第2話 無双スキル習得!
家に帰った総理は、カップラーメンにお湯を注いだ後わずかな待ち時間にWFOのパッケージをビリビリと引きちぎって、本体ハードをガチャガチャとモニターに接続し始めた。
「ちくしょう、なんでこう機械って設定が色々面倒くさいんだろうな」
ラーメンが出来上がる前に設置を終わらせようとしたのだが、さすがに無理があった。
リョウに電話して色々教えてもらいながら数時間掛けてなんとか機器の設置を終えると、慣れない手つきでコントローラーを握った。
この時、コントローラーの上下が逆だったことは内緒だ。
ようやくゲームのスタート画面までたどり着いてサッカーの練習を始めた総理。
対戦相手のコンピューターは初心者向けレベルだったが、それでもだいぶ苦戦していた。
それもそのはず、家電も含めて説明書なんぞ、10年このかた読んだ事がないのだ。
『適当にボタンを押せばなんとかなる』を繰り返してきた彼にとって、WFOはハードルの高い遊びだった。
さらに練習を続ける総理。
なんとかパスを繋げようとボタンを押すが、全てのボールが放物線を描いている。
(この選手、随分とボールをふかす癖があるなー)
独り言を呟くが、それは総理がロングパスボタンしか使っていないからだった。
本来なら、近くの味方へはショートパスのボタン、遠くの味方へはロングパスボタン、とボタンを使い分けなければいけないのだが、機械音痴の彼は〇〇の一つ覚えみたいにロングパスボタンばかり使っていた。

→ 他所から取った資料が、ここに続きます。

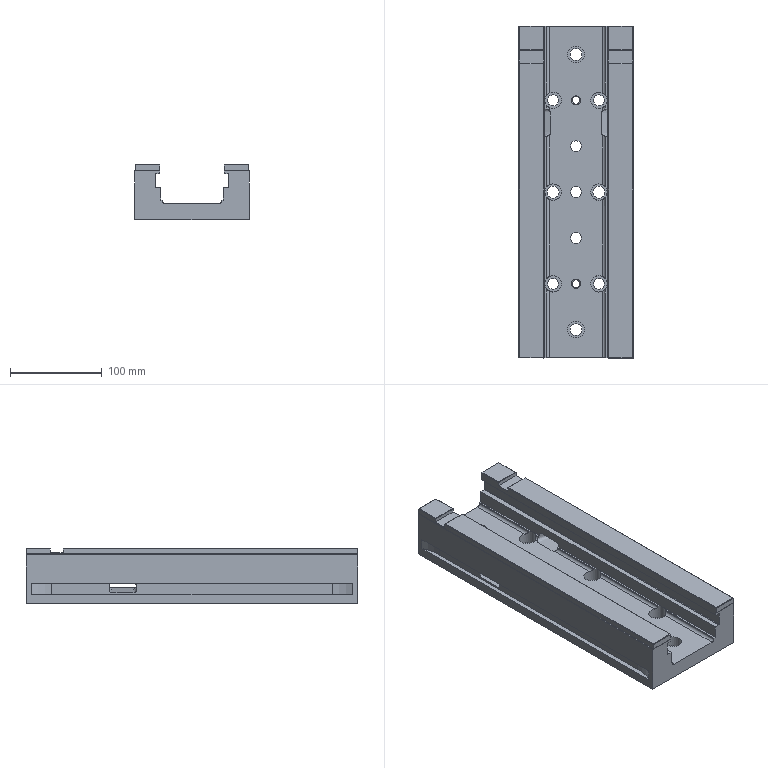Component | NX | CLAMP_BODY_1 | 1 solid | 138 faces | volume 1487779 mm3 | plane 86 | cylinder 48 | cone 2 | spline 2 | commonest cylinder face diameters 6 x10 1 x10 12 x8 18 x8 13 x4 100 x4 8.5 x2 25 x2

しばらく練習を続けていると、やがてヘロヘロの球筋のロングパスが近くの味方につながるようになった。
『ロングパスボタンの超瞬間2度押しで、キックミスした球が近くの味方にコロコロ転がっていく』という離れ業を体得したようだ。
現実的にはショートパスボタンを押す方がはるかに効率はいいのだが、とにかくパスが通るようになり始めた。
さらにしばらく練習を続けていると、
派手な効果音と共に、画面に特殊スキル習得の文字が表示された。
≪ピンポイントロングパス≫ のスキルを習得しました!
これは『ロングパスボタン使用率70%以上』『成功率70%以上』の達成で習得できる超レアな特殊スキルだったのだが、総理はその重要性に気が付いていない。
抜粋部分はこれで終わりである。